近些年,他愛好吃什麼菜,喜歡什麼風格的衣服,新交了哪些朋友,她一無所知。
距離產生的不隻是美,還有陌生。
錢勁現在長得很高,法晴一米六五的身高,今晚沒有穿高跟鞋,錢勁走在她的身前,足足要比她高出一個頭。
他在前麵走,她在後麵亦步亦趨的跟著。
仿佛回到了小時候那樣,每天放學,他帶著她穿街過巷,去品嘗各種美味佳肴。
他吊兒郎當,沒個正形,就連走路都一搖一晃透著一股子輕浮。
絲毫沒有顧及他身後還有一個他法律上的妻子。
錢勁自顧自的在前麵尋找自己想吃的餐館。
法晴就這樣靜靜的一路相隨。
他不是最優秀的,可是她看他就是莫名順眼,莫名打心眼裡的歡喜……這就是所謂的情人眼裡出西施吧!
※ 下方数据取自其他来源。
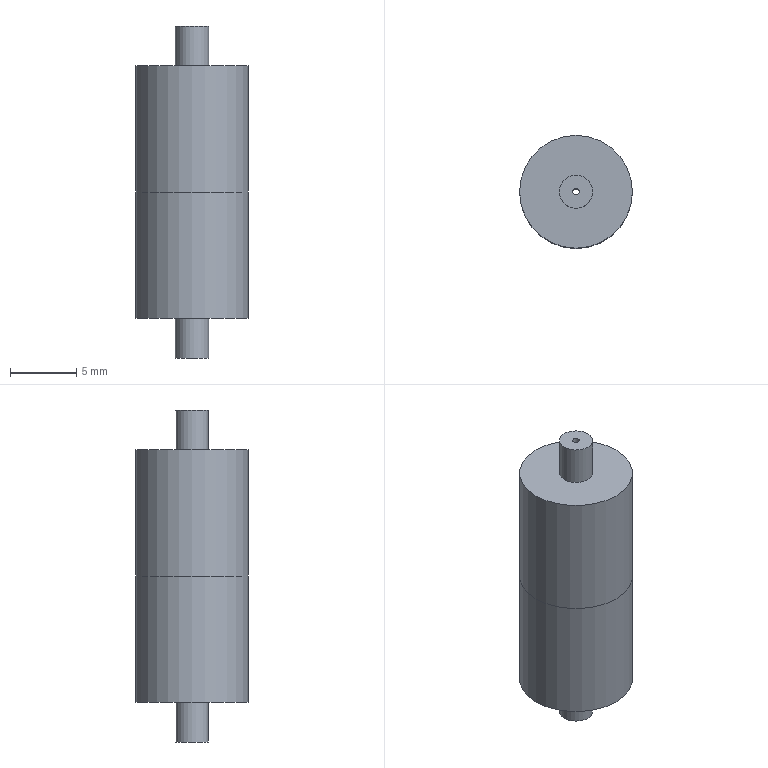Component | NX | MODEL6 | 2 solids | 12 faces | box 8.49 x 8.49 x 25 mm | volume 1101 mm3 | plane 6 | cylinder 6 | commonest cylinder face diameters 8.493 x2 0.493 x2 2.493 x2
STEP:
#1=CARTESIAN_POINT('',(0.,0.,0.));
#2=DIRECTION('',(0.,0.,1.));
#3=DIRECTION('',(1.,0.,0.));
#4=AXIS2_PLACEMENT_3D('',#1,#2,#3);
#5=CARTESIAN_POINT('',(86.254,-6.878,25.));
#6=VERTEX_POINT('',#5);
#7=CARTESIAN_POINT('',(90.5,-6.878,25.));
#8=DIRECTION('',(0.,0.,-1.));
#9=DIRECTION('',(-1.,0.,0.));
#10=AXIS2_PLACEMENT_3D('',#7,#8,#9);
#11=CIRCLE('',#10,4.247);
#12=CARTESIAN_POINT('',(90.5,-5.631,25.));
#13=DIRECTION('',(0.,0.,1.));
#14=DIRECTION('',(-1.,0.,0.));
#15=AXIS2_PLACEMENT_3D('',#12,#13,#14);
#16=PLANE('',#15);
#17=CARTESIAN_POINT('',(4.247,1.247));
#18=CARTESIAN_POINT('',(4.247,-6.109));
#19=CARTESIAN_POINT('',(-2.123,-2.431));
#20=CARTESIAN_POINT('',(-8.493,1.247));
#21=CARTESIAN_POINT('',(-2.123,4.925));
#22=CARTESIAN_POINT('',(4.247,8.602));
#23=CARTESIAN_POINT('',(4.247,1.247));
#24=(BOUNDED_CURVE()B_SPLINE_CURVE(2,(#17,#18,#19,#20,#21,#22,#23),.UNSPECIFIED.,.T.,.F.)B_SPLINE_CURVE_WITH_KNOTS((1,2,2,2,2,1),(-2.094,0.,2.094,4.189,6.283,8.378),.UNSPECIFIED.)CURVE()GEOMETRIC_REPRESENTATION_ITEM()RATIONAL_B_SPLINE_CURVE((1.,0.5,1.,0.5,1.,0.5,1.))REPRESENTATION_ITEM(''));
#25=(GEOMETRIC_REPRESENTATION_CONTEXT(2)PARAMETRIC_REPRESENTATION_CONTEXT()REPRESENTATION_CONTEXT('',''));
#26=DEFINITIONAL_REPRESENTATION('',(#24),#25);
#27=PCURVE('',#16,#26);
#28=CARTESIAN_POINT('',(90.5,-6.878,26.72));
#29=DIRECTION('',(0.,0.,1.));
#30=DIRECTION('',(-1.,0.,0.));
#31=AXIS2_PLACEMENT_3D('',#28,#29,#30);
#32=CYLINDRICAL_SURFACE('',#31,4.247);
#33=CARTESIAN_POINT('',(6.283,-1.72));
#34=DIRECTION('',(-1.,0.));
#35=VECTOR('',#34,1.);
#36=LINE('',#33,#35);
#37=(GEOMETRIC_REPRESENTATION_CONTEXT(2)PARAMETRIC_REPRESENTATION_CONTEXT()REPRESENTATION_CONTEXT('',''));
#38=DEFINITIONAL_REPRESENTATION('',(#36),#37);
#39=PCURVE('',#32,#38);
#40=SURFACE_CURVE('',#11,(#27,#39),.PCURVE_S1.);
#41=EDGE_CURVE('',#6,#6,#40,.T.);
#42=ORIENTED_EDGE('',*,*,#41,.F.);
#43=EDGE_LOOP('',(#42));
#44=FACE_BOUND('',#43,.T.);
#45=CARTESIAN_POINT('',(89.254,-6.878,25.));
#46=VERTEX_POINT('',#45);
#47=CARTESIAN_POINT('',(90.5,-6.878,25.));
#48=DIRECTION('',(0.,0.,-1.));
#49=DIRECTION('',(-1.,0.,0.));
#50=AXIS2_PLACEMENT_3D('',#47,#48,#49);
#51=CIRCLE('',#50,1.247);
#52=CARTESIAN_POINT('',(1.247,1.247));
#53=CARTESIAN_POINT('',(1.247,-0.9127));
#54=CARTESIAN_POINT('',(-0.6234,0.167));
#55=CARTESIAN_POINT('',(-2.493,1.247));
#56=CARTESIAN_POINT('',(-0.6234,2.326));
#57=CARTESIAN_POINT('',(1.247,3.406));
#58=CARTESIAN_POINT('',(1.247,1.247));
#59=(BOUNDED_CURVE()B_SPLINE_CURVE(2,(#52,#53,#54,#55,#56,#57,#58),.UNSPECIFIED.,.T.,.F.)B_SPLINE_CURVE_WITH_KNOTS((1,2,2,2,2,1),(-2.094,0.,2.094,4.189,6.283,8.378),.UNSPECIFIED.)CURVE()GEOMETRIC_REPRESENTATION_ITEM()RATIONAL_B_SPLINE_CURVE((1.,0.5,1.,0.5,1.,0.5,1.))REPRESENTATION_ITEM(''));
#60=(GEOMETRIC_REPRESENTATION_CONTEXT(2)PARAMETRIC_REPRESENTATION_CONTEXT()REPRESENTATION_CONTEXT('',''));
#61=DEFINITIONAL_REPRESENTATION('',(#59),#60);
#62=PCURVE('',#16,#61);
#63=CARTESIAN_POINT('',(90.5,-6.878,26.72));
#64=DIRECTION('',(0.,0.,1.));
#65=DIRECTION('',(-1.,0.,0.));
#66=AXIS2_PLACEMENT_3D('',#63,#64,#65);
#67=CYLINDRICAL_SURFACE('',#66,1.247);
#68=CARTESIAN_POINT('',(6.283,-1.72));
#69=DIRECTION('',(-1.,0.));
#70=VECTOR('',#69,1.);
#71=LINE('',#68,#70);
#72=(GEOMETRIC_REPRESENTATION_CONTEXT(2)PARAMETRIC_REPRESENTATION_CONTEXT()REPRESENTATION_CONTEXT('',''));
#73=DEFINITIONAL_REPRESENTATION('',(#71),#72);
#74=PCURVE('',#67,#73);
#75=SURFACE_CURVE('',#51,(#62,#74),.PCURVE_S1.);
#76=EDGE_CURVE('',#46,#46,#75,.T.);
#77=ORIENTED_EDGE('',*,*,#76,.T.);
#78=EDGE_LOOP('',(#77));
#79=FACE_BOUND('',#78,.T.);
#80=ADVANCED_FACE('',(#44,#79),#16,.T.);
#81=CARTESIAN_POINT('',(86.254,-6.878,15.5));
#82=VERTEX_POINT('',#81);
#83=CARTESIAN_POINT('',(90.5,-6.878,15.5));
#84=DIRECTION('',(0.,0.,-1.));
#85=DIRECTION('',(-1.,0.,0.));
#86=AXIS2_PLACEMENT_3D('',#83,#84,#85);
#87=CIRCLE('',#86,4.247);
#88=CARTESIAN_POINT('',(6.283,-11.22));
#89=DIRECTION('',(-1.,0.));
#90=VECTOR('',#89,1.);
#91=LINE('',#88,#90);
#92=(GEOMETRIC_REPRESENTATION_CONTEXT(2)PARAMETRIC_REPRESENTATION_CONTEXT()REPRESENTATION_CONTEXT('',''));
#93=DEFINITIONAL_REPRESENTATION('',(#91),#92);
#94=PCURVE('',#32,#93);
#95=CARTESIAN_POINT('',(90.5,-2.631,15.5));
#96=DIRECTION('',(0.,0.,-1.));
#97=DIRECTION('',(1.,0.,0.));
#98=AXIS2_PLACEMENT_3D('',#95,#96,#97);
#99=PLANE('',#98);
#100=CARTESIAN_POINT('',(0.,4.247));
#101=DIRECTION('',(-1.,0.));
#102=AXIS2_PLACEMENT_2D('',#100,#101);
#103=CIRCLE('',#102,4.247);
#104=(GEOMETRIC_REPRESENTATION_CONTEXT(2)PARAMETRIC_REPRESENTATION_CONTEXT()REPRESENTATION_CONTEXT('',''));
#105=DEFINITIONAL_REPRESENTATION('',(#103),#104);
#106=PCURVE('',#99,#105);
#107=SURFACE_CURVE('',#87,(#94,#106),.PCURVE_S1.);
#108=EDGE_CURVE('',#82,#82,#107,.T.);
#109=ORIENTED_EDGE('',*,*,#108,.F.);
#110=CARTESIAN_POINT('',(86.254,-6.878,15.5));
#111=CARTESIAN_POINT('',(86.254,-6.878,25.));
#112=B_SPLINE_CURVE_WITH_KNOTS('',1,(#110,#111),.UNSPECIFIED.,.F.,.F.,(2,2),(-11.22,-1.72),.PIECEWISE_BEZIER_KNOTS.);
#113=CARTESIAN_POINT('',(6.283,0.));
#114=DIRECTION('',(0.,1.));
#115=VECTOR('',#114,1.);
#116=LINE('',#113,#115);
#117=(GEOMETRIC_REPRESENTATION_CONTEXT(2)PARAMETRIC_REPRESENTATION_CONTEXT()REPRESENTATION_CONTEXT('',''));
#118=DEFINITIONAL_REPRESENTATION('',(#116),#117);
#119=PCURVE('',#32,#118);
#120=CARTESIAN_POINT('',(0.,0.));
#121=DIRECTION('',(0.,1.));
#122=VECTOR('',#121,1.);
#123=LINE('',#120,#122);
#124=(GEOMETRIC_REPRESENTATION_CONTEXT(2)PARAMETRIC_REPRESENTATION_CONTEXT()REPRESENTATION_CONTEXT('',''));
#125=DEFINITIONAL_REPRESENTATION('',(#123),#124);
#126=PCURVE('',#32,#125);
#127=SEAM_CURVE('',#112,(#119,#126),.PCURVE_S1.);
#128=EDGE_CURVE('',#82,#6,#127,.T.);
#129=ORIENTED_EDGE('',*,*,#128,.T.);
#130=ORIENTED_EDGE('',*,*,#41,.T.);
#131=ORIENTED_EDGE('',*,*,#128,.F.);
#132=EDGE_LOOP('',(#109,#129,#130,#131));
#133=FACE_BOUND('',#132,.T.);
#134=ADVANCED_FACE('',(#133),#32,.T.);
#135=CARTESIAN_POINT('',(90.254,-6.878,15.5));
#136=VERTEX_POINT('',#135);
#137=CARTESIAN_POINT('',(90.5,-6.878,15.5));
#138=DIRECTION('',(0.,0.,-1.));
#139=DIRECTION('',(-1.,0.,0.));
#140=AXIS2_PLACEMENT_3D('',#137,#138,#139);
#141=CIRCLE('',#140,0.2467);
#142=CARTESIAN_POINT('',(0.,4.247));
#143=DIRECTION('',(-1.,0.));
#144=AXIS2_PLACEMENT_2D('',#142,#143);
#145=CIRCLE('',#144,0.2467);
#146=(GEOMETRIC_REPRESENTATION_CONTEXT(2)PARAMETRIC_REPRESENTATION_CONTEXT()REPRESENTATION_CONTEXT('',''));
#147=DEFINITIONAL_REPRESENTATION('',(#145),#146);
#148=PCURVE('',#99,#147);
#149=CARTESIAN_POINT('',(90.5,-6.878,26.72));
#150=DIRECTION('',(0.,0.,1.));
#151=DIRECTION('',(-1.,0.,0.));
#152=AXIS2_PLACEMENT_3D('',#149,#150,#151);
#153=CYLINDRICAL_SURFACE('',#152,0.2467);
#154=CARTESIAN_POINT('',(6.283,-11.22));
#155=DIRECTION('',(-1.,0.));
#156=VECTOR('',#155,1.);
#157=LINE('',#154,#156);
#158=(GEOMETRIC_REPRESENTATION_CONTEXT(2)PARAMETRIC_REPRESENTATION_CONTEXT()REPRESENTATION_CONTEXT('',''));
#159=DEFINITIONAL_REPRESENTATION('',(#157),#158);
#160=PCURVE('',#153,#159);
#161=SURFACE_CURVE('',#141,(#148,#160),.PCURVE_S1.);
#162=EDGE_CURVE('',#136,#136,#161,.T.);
#163=ORIENTED_EDGE('',*,*,#162,.F.);
#164=EDGE_LOOP('',(#163));
#165=FACE_BOUND('',#164,.T.);
#166=ORIENTED_EDGE('',*,*,#108,.T.);
#167=EDGE_LOOP('',(#166));
#168=FACE_BOUND('',#167,.T.);
#169=ADVANCED_FACE('',(#165,#168),#99,.T.);
#170=CARTESIAN_POINT('',(90.254,-6.878,28.));
#171=VERTEX_POINT('',#170);
#172=CARTESIAN_POINT('',(90.5,-6.878,28.));
#173=DIRECTION('',(0.,0.,-1.));
#174=DIRECTION('',(-1.,0.,0.));
#175=AXIS2_PLACEMENT_3D('',#172,#173,#174);
#176=CIRCLE('',#175,0.2467);
#177=CARTESIAN_POINT('',(6.283,1.28));
#178=DIRECTION('',(-1.,0.));
#179=VECTOR('',#178,1.);
#180=LINE('',#177,#179);
#181=(GEOMETRIC_REPRESENTATION_CONTEXT(2)PARAMETRIC_REPRESENTATION_CONTEXT()REPRESENTATION_CONTEXT('',''));
#182=DEFINITIONAL_REPRESENTATION('',(#180),#181);
#183=PCURVE('',#153,#182);
#184=CARTESIAN_POINT('',(90.5,-6.631,28.));
#185=DIRECTION('',(0.,0.,1.));
#186=DIRECTION('',(-1.,0.,0.));
#187=AXIS2_PLACEMENT_3D('',#184,#185,#186);
#188=PLANE('',#187);
#189=CARTESIAN_POINT('',(0.2467,0.2467));
#190=CARTESIAN_POINT('',(0.2467,-0.1806));
#191=CARTESIAN_POINT('',(-0.1234,0.03306));
#192=CARTESIAN_POINT('',(-0.4935,0.2467));
#193=CARTESIAN_POINT('',(-0.1234,0.4604));
#194=CARTESIAN_POINT('',(0.2467,0.6741));
#195=CARTESIAN_POINT('',(0.2467,0.2467));
#196=(BOUNDED_CURVE()B_SPLINE_CURVE(2,(#189,#190,#191,#192,#193,#194,#195),.UNSPECIFIED.,.T.,.F.)B_SPLINE_CURVE_WITH_KNOTS((1,2,2,2,2,1),(-2.094,0.,2.094,4.189,6.283,8.378),.UNSPECIFIED.)CURVE()GEOMETRIC_REPRESENTATION_ITEM()RATIONAL_B_SPLINE_CURVE((1.,0.5,1.,0.5,1.,0.5,1.))REPRESENTATION_ITEM(''));
#197=(GEOMETRIC_REPRESENTATION_CONTEXT(2)PARAMETRIC_REPRESENTATION_CONTEXT()REPRESENTATION_CONTEXT('',''));
#198=DEFINITIONAL_REPRESENTATION('',(#196),#197);
#199=PCURVE('',#188,#198);
#200=SURFACE_CURVE('',#176,(#183,#199),.PCURVE_S1.);
#201=EDGE_CURVE('',#171,#171,#200,.T.);
#202=ORIENTED_EDGE('',*,*,#201,.T.);
#203=CARTESIAN_POINT('',(90.254,-6.878,15.5));
#204=CARTESIAN_POINT('',(90.254,-6.878,28.));
#205=B_SPLINE_CURVE_WITH_KNOTS('',1,(#203,#204),.UNSPECIFIED.,.F.,.F.,(2,2),(-11.22,1.28),.PIECEWISE_BEZIER_KNOTS.);
#206=CARTESIAN_POINT('',(0.,0.));
#207=DIRECTION('',(0.,1.));
#208=VECTOR('',#207,1.);
#209=LINE('',#206,#208);
#210=(GEOMETRIC_REPRESENTATION_CONTEXT(2)PARAMETRIC_REPRESENTATION_CONTEXT()REPRESENTATION_CONTEXT('',''));
#211=DEFINITIONAL_REPRESENTATION('',(#209),#210);
#212=PCURVE('',#153,#211);
#213=CARTESIAN_POINT('',(6.283,0.));
#214=DIRECTION('',(0.,1.));
#215=VECTOR('',#214,1.);
#216=LINE('',#213,#215);
#217=(GEOMETRIC_REPRESENTATION_CONTEXT(2)PARAMETRIC_REPRESENTATION_CONTEXT()REPRESENTATION_CONTEXT('',''));
#218=DEFINITIONAL_REPRESENTATION('',(#216),#217);
#219=PCURVE('',#153,#218);
#220=SEAM_CURVE('',#205,(#212,#219),.PCURVE_S1.);
#221=EDGE_CURVE('',#136,#171,#220,.T.);
#222=ORIENTED_EDGE('',*,*,#221,.F.);
#223=ORIENTED_EDGE('',*,*,#162,.F.);
#224=ORIENTED_EDGE('',*,*,#221,.T.);
#225=EDGE_LOOP('',(#202,#222,#223,#224));
#226=FACE_BOUND('',#225,.F.);
#227=ADVANCED_FACE('',(#226),#153,.F.);
#228=CARTESIAN_POINT('',(89.254,-6.878,28.));
#229=VERTEX_POINT('',#228);
#230=CARTESIAN_POINT('',(90.5,-6.878,28.));
#231=DIRECTION('',(0.,0.,-1.));
#232=DIRECTION('',(-1.,0.,0.));
#233=AXIS2_PLACEMENT_3D('',#230,#231,#232);
#234=CIRCLE('',#233,1.247);
#235=CARTESIAN_POINT('',(1.247,0.2467));
#236=CARTESIAN_POINT('',(1.247,-1.913));
#237=CARTESIAN_POINT('',(-0.6234,-0.833));
#238=CARTESIAN_POINT('',(-2.493,0.2467));
#239=CARTESIAN_POINT('',(-0.6234,1.326));
#240=CARTESIAN_POINT('',(1.247,2.406));
#241=CARTESIAN_POINT('',(1.247,0.2467));
#242=(BOUNDED_CURVE()B_SPLINE_CURVE(2,(#235,#236,#237,#238,#239,#240,#241),.UNSPECIFIED.,.T.,.F.)B_SPLINE_CURVE_WITH_KNOTS((1,2,2,2,2,1),(-2.094,0.,2.094,4.189,6.283,8.378),.UNSPECIFIED.)CURVE()GEOMETRIC_REPRESENTATION_ITEM()RATIONAL_B_SPLINE_CURVE((1.,0.5,1.,0.5,1.,0.5,1.))REPRESENTATION_ITEM(''));
#243=(GEOMETRIC_REPRESENTATION_CONTEXT(2)PARAMETRIC_REPRESENTATION_CONTEXT()REPRESENTATION_CONTEXT('',''));
#244=DEFINITIONAL_REPRESENTATION('',(#242),#243);
#245=PCURVE('',#188,#244);
#246=CARTESIAN_POINT('',(6.283,1.28));
#247=DIRECTION('',(-1.,0.));
#248=VECTOR('',#247,1.);
#249=LINE('',#246,#248);
#250=(GEOMETRIC_REPRESENTATION_CONTEXT(2)PARAMETRIC_REPRESENTATION_CONTEXT()REPRESENTATION_CONTEXT('',''));
#251=DEFINITIONAL_REPRESENTATION('',(#249),#250);
#252=PCURVE('',#67,#251);
#253=SURFACE_CURVE('',#234,(#245,#252),.PCURVE_S1.);
#254=EDGE_CURVE('',#229,#229,#253,.T.);
#255=ORIENTED_EDGE('',*,*,#254,.F.);
#256=EDGE_LOOP('',(#255));
#257=FACE_BOUND('',#256,.T.);
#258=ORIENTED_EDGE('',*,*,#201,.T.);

錢勁沒去什麼高檔餐廳,反而是帶著法晴去了一家路邊攤,點了些燒烤。
“要不要來一點?”錢勁舉著幾串羊肉串招呼法晴。
法晴穿著一件粉色的毛衣外套,白皙的素手從寬大的衣袖中鑽出來接過錢勁的肉串,小口小口品嘗,她已經吃過晚餐,隻為了不拂他的好意。
錢勁又點了很多,自己大快朵頤起來。
這種肉串會吃的臉上都是油,法晴儘量小心的不讓簽子碰到臉頰。
錢勁看她吃的費勁,替她不香的慌!
伸手奪去法晴的肉串,戴上手套把肉全給擼下來,直接把一盤子肉遞給了她:“嫌棄不嫌棄?”
當然不會!
法晴微笑的搖搖頭,心裡暗自發愁,吃不完啊吃不完……
“你去哪?我送你。”吃飽喝足,打道回府。
法晴開著她的車,自然的問向錢勁。
錢勁坐在副駕駛上愜意的享受著有“專用司機”的感覺。慵懶開口:“你去哪,我就去哪啊!我現在可是你的合法丈夫!”
合法丈夫!
這四個字轟的一聲在法晴心裡炸雷。
他說這個是什麼意思?
法晴不敢再招惹他,專心開車。
回到家,錢勁不知何時把他自己的洗漱用品都買回來了。他從桌子上提起一個超市的購物袋,從裡麵拿出刷牙杯、牙刷、牙膏、剃須膏、拖鞋、睡衣……等等,依次安置在法晴的衛生間置物架上。
這是他方才出去買燙傷藥的時候買的?
那個時候他還打算回來吃她煮的麵?
不知為何,法晴的心裡突然有了一絲喜悅的漣漪。
“陳法晴,我要住你那個屋!”錢勁指著法晴公寓裡的次臥說道。
這樣正好。
剛才,法晴還在擔心他今晚要在哪裡睡覺。
她是很想靠近他,但是她並不想過早的跟他同床共枕,有些事情總得慢慢來。
法晴從櫃子裡拿乾淨的床單和被罩。
平時,次臥的大床隻是一個擺設。除了偶爾,她的閨蜜,夫妻吵架後,會來投奔她幾天,這裡基本沒有人睡過。
所以換洗的床單和被罩,法晴都放在壁櫃頂格。
一個人居家生活,自然什麼都有。
法晴去儲藏間搬來步梯,小心的踩在上麵翻找床單被罩。
突然身體一輕,被錢勁騰空抱起。
“啊!”法晴輕打錢勁的肩膀,“你要乾嘛?”。
錢勁抱著法晴的雙腿,隔著薄薄衣料也可以感覺到她身體的溫熱,她的身體又香又軟。
法晴被錢勁放在地上,她可以清晰感覺到他的男性荷爾蒙氣息!
錢勁的身高占足了優勢,隻見他伸伸手輕而易舉得就將高處的粉色被罩和床單給拿了下來。
法晴幫他換上。
錢勁倚在門口觀看。
以前沒敢往這方麵想過,此刻看著法晴站在床前給他換床單,一拋一抖,整張床單便服帖的蓋落到床上。嚴謹如陳法晴,轉著床邊的調整床單的垂落長度。
錢勁第一次感覺到了“家”的味道。
看著法晴獨自更換被罩有些吃力。
錢勁終於移步過去幫她。
兩個人各自捉兩個被角,一張一合,幾下就把被罩抖服帖了。
“你先將就一晚吧,我明天去買個適合男士的顏色。”法晴平和的對錢勁說。
“不用買,我不會長期住在這裡。”
“……”他這是什麼意思?
法晴覺得他的話曖昧不明,臉頰突然發燙起來。
錢勁看到她臉頰升騰的紅暈,輕輕地給了法晴一記爆栗“你想什麼呢?我是說我不會長期住在你的公寓裡!”
……
法晴早起出門上班的時候,錢勁還鑽在粉絨絨的被子裡呼呼大睡。
法晴在公司一場會議接著一場會議的開。
錢勁睡到自然醒,悠哉悠哉的下樓吃個早餐,招呼死黨王鵬,商議這一天去哪消磨時光。
法晴開完會,還要和各界人士商談,實地考察,商務應酬,一天工作結束已經是深夜。
她拖著疲憊的身體回到家的時候,公寓裡不見錢勁的身影。
法晴掏出手機,思忖再三,給錢勁打電話。
電話響了很久,才被接通。
“喂?什麼事?”電話那端傳來十分嘈雜的聲音。
法晴不由得蹙眉,“你在哪?”
“海灣大橋啊!”錢勁的聲音裡充滿了愉悅。
法晴不知道海灣大橋是哪裡,隻聽錢勁的電話裡又傳出女人的尖叫聲:“啊!贏了贏了!孫少贏了!”
“你在乾什麼?”法晴的眉頭蹙得更深。
“賽車啊!”錢勁不以為然的回答。
“你什麼時候回來?”
錢勁著急忙慌的跟法晴說:“你彆等我了,我今天不回去了。”說完便掛掉了電話。